Insole charts how Kant’s view of human freedom then starts to shift in the 1760s and 70s. There are supposedly a variety of motivations for this conceptual change, part of which Insole attributes to Kant’s growing fascination with the work of Rousseau. In works like Emile and the Social Contract, Rousseau brings home to Kant a certain ‘horror of enslavement’, and with this the importance of understanding freedom in terms of the lack of subjection to others. Kant’s pre-Critical picture of human freedom is one of absolute dependence on God, who ultimately determines whether we act from a knowledge of the good or otherwise. Kant also comes to find it difficult to make sense of our culpability and the suitability of punishment on this account, if again we have no real options, and God ultimately directs even our most basic choices. According to Insole, Kant becomes increasingly concerned that this picture of the relation of divine to human freedom runs the risk of turning into a kind of Spinozistic monism, in which God ultimately is the only real substance capable of any truly free choice (p. 84). However, Kant’s worries do not seem to include one of the most obvious: that making our action subordinate to God’s in this way would not only seem to obviate our responsibility for evil, but would also make God complicit in it. If Insole is right, then worries about theodicy are not yet principle motives for Kant, for reasons that are left unclear.
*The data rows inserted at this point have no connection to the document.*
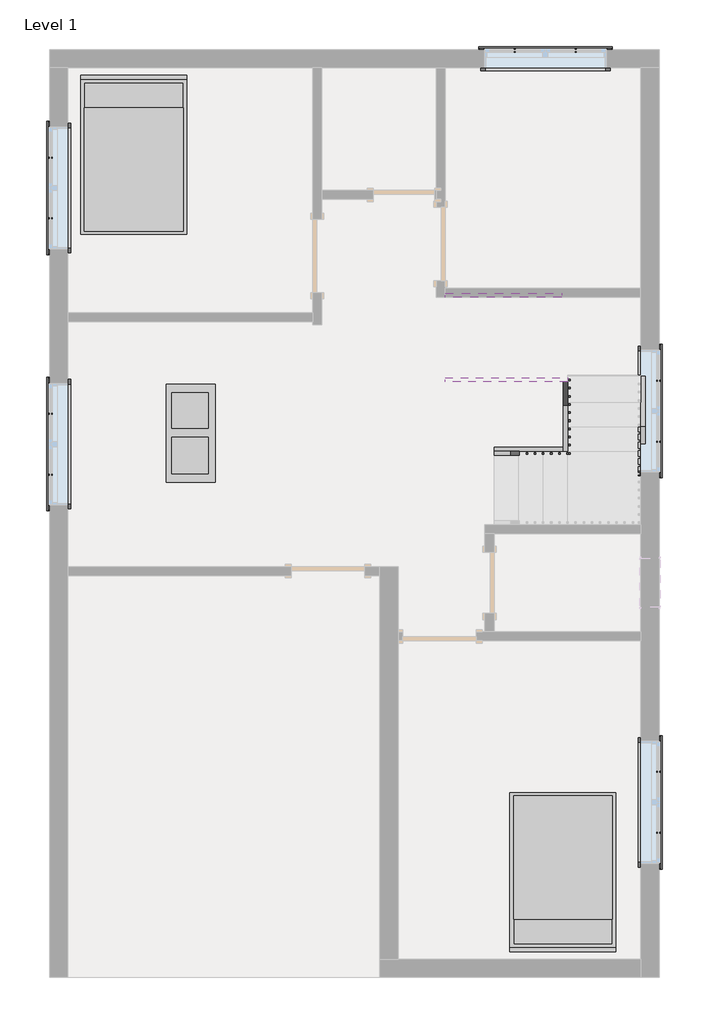
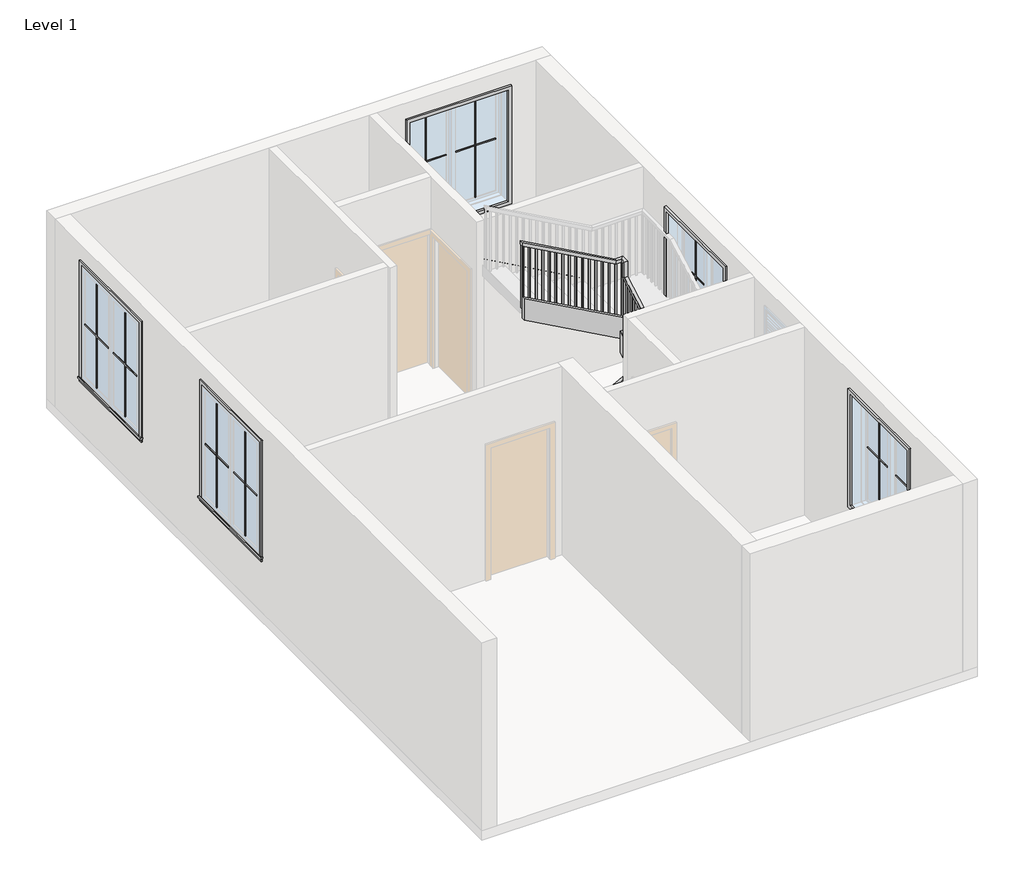
# One storey, part 2 of 2: 21 proxies, 6 members, 2 furniture elements, 1 railing.
"""IFC4 building model written with IfcOpenShell, lengths in millimetres."""

from ifc_helpers import new_model, si_unit, frame, origin, place, context, project, spatial, polyline, outline, extrude, faceted_brep, transform, mapped, element, save
from components import muntin_pattern_2x2_muntin_pattern_2x2_f6a80940, muntin_pattern_2x2_muntin_pattern_2x2_09b00a1c, trim_window_exterior_flat_with_sill_698ed857, trim_window_interior_flat_picture_frame_92551a5e, coffee_table_with_brass_mullions_11320_coffee_table_with_5962bef7, bed_17739_bed_17739_15c61121

model = new_model("IFC4")

# Units and contexts
model_context = context("Model", 3, world=origin())
ifc_project = project(units=[si_unit("LENGTHUNIT", "METRE", prefix="MILLI")], contexts=[model_context])

# Site, building, storey
site = spatial("IfcSite", under=ifc_project)
building = spatial("IfcBuilding", under=site)
storey = spatial("IfcBuildingStorey", under=building, Name="Level 1", Elevation=0.0)

# Proxies
placement = place(None, origin())
muntin_pattern_2x2_muntin_pattern_2x2_shape = muntin_pattern_2x2_muntin_pattern_2x2_f6a80940(model_context)
element("IfcBuildingElementProxy", 1, Name="Muntin Pattern_2x2 : Muntin Pattern_2x2", ObjectType="Muntin Pattern_2x2 : Muntin Pattern_2x2", at=placement, inside=storey, context=model_context, shape_type="MappedRepresentation", body=[
    mapped(muntin_pattern_2x2_muntin_pattern_2x2_shape, transform((-4589.1575206, 441.8004493, 984.25), x_axis=(0.0, 1.0, 0.0), y_axis=(-1.0, 0.0, 0.0), z_axis=(0.0, 0.0, 1.0))),
])
element("IfcBuildingElementProxy", 2, Name="Muntin Pattern_2x2 : Muntin Pattern_2x2", ObjectType="Muntin Pattern_2x2 : Muntin Pattern_2x2", at=placement, inside=storey, context=model_context, shape_type="MappedRepresentation", body=[
    mapped(muntin_pattern_2x2_muntin_pattern_2x2_shape, transform((-4589.1575206, 3632.6754493, 984.25), x_axis=(0.0, 1.0, 0.0), y_axis=(-1.0, 0.0, 0.0), z_axis=(0.0, 0.0, 1.0))),
])
element("IfcBuildingElementProxy", 3, Name="Muntin Pattern_2x2 : Muntin Pattern_2x2", ObjectType="Muntin Pattern_2x2 : Muntin Pattern_2x2", at=placement, inside=storey, context=model_context, shape_type="MappedRepresentation", body=[
    mapped(muntin_pattern_2x2_muntin_pattern_2x2_shape, transform((1197.2799794, 5726.5879493, 984.25), x_axis=(1.0, 0.0, 0.0), y_axis=(0.0, 1.0, 0.0), z_axis=(0.0, 0.0, 1.0))),
])
element("IfcBuildingElementProxy", 4, Name="Muntin Pattern_2x2 : Muntin Pattern_2x2", ObjectType="Muntin Pattern_2x2 : Muntin Pattern_2x2", at=placement, inside=storey, context=model_context, shape_type="MappedRepresentation", body=[
    mapped(muntin_pattern_2x2_muntin_pattern_2x2_shape, transform((2986.3924794, 1613.3754493, 984.25), x_axis=(0.0, -1.0, 0.0), y_axis=(1.0, 0.0, 0.0), z_axis=(0.0, 0.0, 1.0))),
])
element("IfcBuildingElementProxy", 5, Name="Muntin Pattern_2x2 : Muntin Pattern_2x2", ObjectType="Muntin Pattern_2x2 : Muntin Pattern_2x2", at=placement, inside=storey, context=model_context, shape_type="MappedRepresentation", body=[
    mapped(muntin_pattern_2x2_muntin_pattern_2x2_shape, transform((2986.3924794, -3260.2495507, 984.25), x_axis=(0.0, -1.0, 0.0), y_axis=(1.0, 0.0, 0.0), z_axis=(0.0, 0.0, 1.0))),
])
muntin_pattern_2x2_muntin_pattern_2x2_2_shape = muntin_pattern_2x2_muntin_pattern_2x2_09b00a1c(model_context)
element("IfcBuildingElementProxy", 6, Name="Muntin Pattern_2x2 : Muntin Pattern_2x2", ObjectType="Muntin Pattern_2x2 : Muntin Pattern_2x2", at=placement, inside=storey, context=model_context, shape_type="MappedRepresentation", body=[
    mapped(muntin_pattern_2x2_muntin_pattern_2x2_2_shape, transform((-4589.1575206, 1200.6254493, 984.25), x_axis=(0.0, -1.0, 0.0), y_axis=(1.0, 0.0, 0.0), z_axis=(0.0, 0.0, 1.0))),
])
element("IfcBuildingElementProxy", 7, Name="Muntin Pattern_2x2 : Muntin Pattern_2x2", ObjectType="Muntin Pattern_2x2 : Muntin Pattern_2x2", at=placement, inside=storey, context=model_context, shape_type="MappedRepresentation", body=[
    mapped(muntin_pattern_2x2_muntin_pattern_2x2_2_shape, transform((-4589.1575206, 4391.5004493, 984.25), x_axis=(0.0, -1.0, 0.0), y_axis=(1.0, 0.0, 0.0), z_axis=(0.0, 0.0, 1.0))),
])
element("IfcBuildingElementProxy", 8, Name="Muntin Pattern_2x2 : Muntin Pattern_2x2", ObjectType="Muntin Pattern_2x2 : Muntin Pattern_2x2", at=placement, inside=storey, context=model_context, shape_type="MappedRepresentation", body=[
    mapped(muntin_pattern_2x2_muntin_pattern_2x2_2_shape, transform((1956.1049794, 5726.5879493, 984.25), x_axis=(-1.0, 0.0, 0.0), y_axis=(0.0, -1.0, 0.0), z_axis=(0.0, 0.0, 1.0))),
])
element("IfcBuildingElementProxy", 9, Name="Muntin Pattern_2x2 : Muntin Pattern_2x2", ObjectType="Muntin Pattern_2x2 : Muntin Pattern_2x2", at=placement, inside=storey, context=model_context, shape_type="MappedRepresentation", body=[
    mapped(muntin_pattern_2x2_muntin_pattern_2x2_2_shape, transform((2986.3924794, 854.5504493, 984.25), x_axis=(0.0, 1.0, 0.0), y_axis=(-1.0, 0.0, 0.0), z_axis=(0.0, 0.0, 1.0))),
])
element("IfcBuildingElementProxy", 10, Name="Muntin Pattern_2x2 : Muntin Pattern_2x2", ObjectType="Muntin Pattern_2x2 : Muntin Pattern_2x2", at=placement, inside=storey, context=model_context, shape_type="MappedRepresentation", body=[
    mapped(muntin_pattern_2x2_muntin_pattern_2x2_2_shape, transform((2986.3924794, -4019.0745507, 984.25), x_axis=(0.0, 1.0, 0.0), y_axis=(-1.0, 0.0, 0.0), z_axis=(0.0, 0.0, 1.0))),
])
trim_window_exterior_flat_with_sill_shape = trim_window_exterior_flat_with_sill_698ed857(model_context)
element("IfcBuildingElementProxy", 11, Name="Trim-Window-Exterior-Flat : with Sill", ObjectType="Trim-Window-Exterior-Flat : with Sill", at=placement, inside=storey, context=model_context, shape_type="MappedRepresentation", body=[
    mapped(trim_window_exterior_flat_with_sill_shape, transform((-4598.6825206, 821.2129493, 2743.2), x_axis=(0.0, -1.0, 0.0), y_axis=(0.0, 0.0, 1.0), z_axis=(-1.0, 0.0, 0.0))),
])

Insole argues that in the 1760s and 70s Kant progressively comes to see divine freedom not as an enabling condition of human freedom, but as a threat to it. Kant consistently holds that to be free one must not be determined by ‘alien’ causes, and he supposedly comes to see God’s influence as alien to our own will in this way. Although this shift reflects Kant’s growing anxieties about human subjection and responsibility, Insole sees little of a direct case for this change, observing that

[i]t is striking perhaps that this particular sheer conceptual shift in Kant’s thought, so important in the development of his critical philosophy, manifests itself more by assertion and sympathy than argument. (p. 84)

The central question that Kant arrives at is how human beings can be free when they are created by and completely dependent on God, where God’s activity has come to be understood as an alien force relative to human agency. Insole argues that to answer this challenge, Kant needs to find a way in which human agents are free that allows there always to be real alternatives to what they do, and which secures their ultimate responsibility for their actions. Supposedly, this need is one of the motivations that drives Kant to transcendental idealism. By understanding space and time as merely forms of our intuition, rather than features of things in themselves, Kant can make room for a kind of noumenal first causation that is outside of time in some way.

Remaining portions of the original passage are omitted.